Era un vuelo de tan solo hora y media de duración desde Moscú, pero el Ilyushin-96 de la compañía Rossiya se posó en el aeropuerto Vantaa a las 12.58 del mediodía (una hora menos en España) es decir dos minutos antes de la hora programada para comenzar el encuentro en el Palacio Presidencial, sito en el centro de Helsinki.

Nada más aterrizar Vladímir Putin en Finlandia, ya quedaba meridianamente claro que el líder del Kremlin, una vez más, llegaba tarde a una cita, tal y como atestiguaron reiteradamente los cronistas rusos que forman el pool de reporteros que le siguen. El retraso, finalmente, fue de 35 minutos, el tiempo que necesitaron la veintena de vehículos y furgonetas que formaban el impresionante cortejo presidencial ruso en recorrer los 15 kilómetros que separan el aeródromo del centro capitalino. El presidente de EEUU, Donald Trump, llevaba ya varias horas en el país escandinavo, y según aventuró la CNN, prefirió asegurarse que su interlocutor ruso llegaba en primer lugar a la sede de la cumbre antes de abandonar su hotel, un extremo que la Casa Blanca no confirmó. A fin de cuentas, se trataba de una jornada en la que los gestos y el lenguaje corporal recibirían tanta atención mediática como las palabras pronunciadas.

El escenario escogido para el encuentro también dió pie a comentarios. Se trata del Palacio Presidencial de Helsinki, una sobria construcción neoclásica. Su particularidad radica en que precisamente sirvió de residencia oficial de los zares en los años en que Finlandia formó parte del Imperio ruso como un gran ducado autónomo, entre 1809 y 1917.

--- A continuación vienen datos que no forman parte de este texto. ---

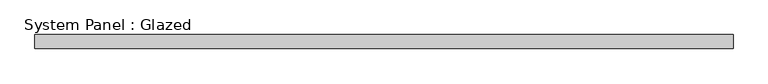
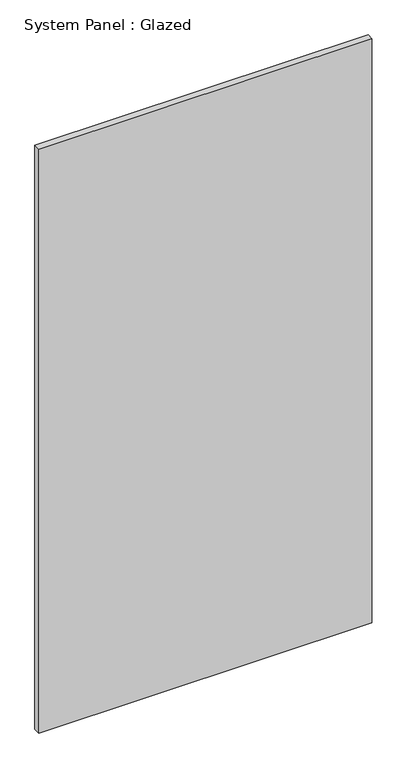
"""IFC4 building model written with IfcOpenShell, lengths in millimetres: plate geometry, System Panel : Glazed."""

from ifc_helpers import new_model, si_unit, origin, origin_with_axes, place, context, project, spatial, polyline, outline, extrude, source, transform, mapped, element, save


def system_panel_glazed_2be43394(model_context):
    return source(origin(), model_context, "Body", "SweptSolid", [
        extrude(outline(polyline([(632.0323546, 19.05), (-632.0323546, 19.05), (-632.0323546, 44.45), (632.0323546, 44.45), (632.0323546, 19.05)])), origin_with_axes(), (0.0, 0.0, 1.0), 2343.15),
    ])


if __name__ == "__main__":
    model = new_model("IFC4")
    model_context = context("Model", 3, world=origin())
    ifc_project = project(units=[si_unit("LENGTHUNIT", "METRE", prefix="MILLI")], contexts=[model_context])
    site = spatial("IfcSite", under=ifc_project)
    building = spatial("IfcBuilding", under=site)
    placement = place(None, origin())
    system_panel_glazed_shape = system_panel_glazed_2be43394(model_context)
    element("IfcPlate", 1, ObjectType="System Panel : Glazed", at=placement, inside=building, context=model_context, shape_type="MappedRepresentation", body=[
        mapped(system_panel_glazed_shape, transform((0.0, 0.0, 0.0), x_axis=(1.0, 0.0, 0.0), y_axis=(0.0, 1.0, 0.0), z_axis=(0.0, 0.0, 1.0))),
    ])
    save(model, "model.ifc")

# Revit data of these elements
# Type "System Panel : Glazed"
#   Construction Type Id = "GSP4R"
#   Analytic Construction = "1/8 in Pilkington single glazing"
#   Visual Light Transmittance = 0.9
#   Solar Heat Gain Coefficient = 0.86
#   Heat Transfer Coefficient (U) = 1.18115 BTU/(h·ft²·°F)
#   Define Thermal Properties by = 1
# Element 1 (IfcPlate, "System Panel : Glazed")
#   Materials on its faces: "Glass"
# Materials
#   "Glass": class "Glass", colour RGB 0 128 192, transparency 0.75, Description = "Soda Lime Glass", Cost = 0

Durante este periodo, el emperador ruso era a la vez el gran duque de Finlandia, y la monarquía respetaba el autogobierno finlandés, aunque a la vez impulsaba la rusificación del país.

Ayer, en la capital de Finlandia, todo un presidente de Rusia que no hace ascos al apodo de zar y que ha recuperado para su país numerosos símbolos imperiales de los Romanov tras las ocho décadas de paréntesis soviético, se ha visto las caras con su homólogo estadounidense en un lugar que, cuando menos, le podía resultar familiar y que un siglo antes era parte integral su país.

En lo que se refiere al lenguaje corporal que irradiaron ambos, se repitió lo sucedido durante la entrevista que celebraron ambos en un aparte de cumbre del G-20 en Hamburgo, hace exactamente un año. En el posado ante los fotógrafos antes del encuentro cara a cara, el neoyorkino ocupaba también el borde de su asiento, moviendo nerviosamente las manos y dando una cierta apariencia de inquietud. Putin, en cambio, aparecía recostado sobre su sillón, dedicando de vez en cuando miradas tranquilas a su interlocutor. Semejante comportamiento no pasó desapercibido entonces a numerosos comentaristas, que destacaron que el norteamericano daba la impresión de «estar necesitado».

Finlandia ya no está en la órbita ruso/soviética y se siente orgullosa de su estatus de neutralidad. También es uno de los estados más comprometidos con la libertad de la prensa, según reconoce Reporteros sin Fronteras, organización que le otorga la cuarta posición en la lista del países del mundo más respetuosos con los medios de comunicación. Recordando los ataques que tanto el norteamericano como el ruso han lanzado contra la prensa de sus países respectivos, el diario Helsingin Sanomat, el principal rotativo finlandés, sembró de carteles-protesta en el recorrido desde el aeropuerto a la ciudad. «Trump llama a los medios de comunicación ‘el enemigo del pueblo’», rezaba en inglés uno de los pasquines. «Putin ha cerrado la más grande agencia de información», se leía en otro escrito en ruso. Con este acto, «queremos recordar (a ambos mandatarios) la importancia de la libertad de prensa, los medios de comunicación no deben ser el perro faldero de ningún presidente o ningún jefe», declaró Kaius Niemi, director de la publicación.

Las protestas contra ambos dirigentes superaron el ámbito de la prensa y llegaron a la ciudadanía. Alrededor de 4.000 personas se concentraron ante la catedral de Helsinki el pasado domingo, convocados por varias oenegés de derechos humanos, para reclamar entre otras cosas, la libertad de «los presos políticos» en Rusia y el fin de políticas que cercenan los derechos de las minorías sexuales en ambos países.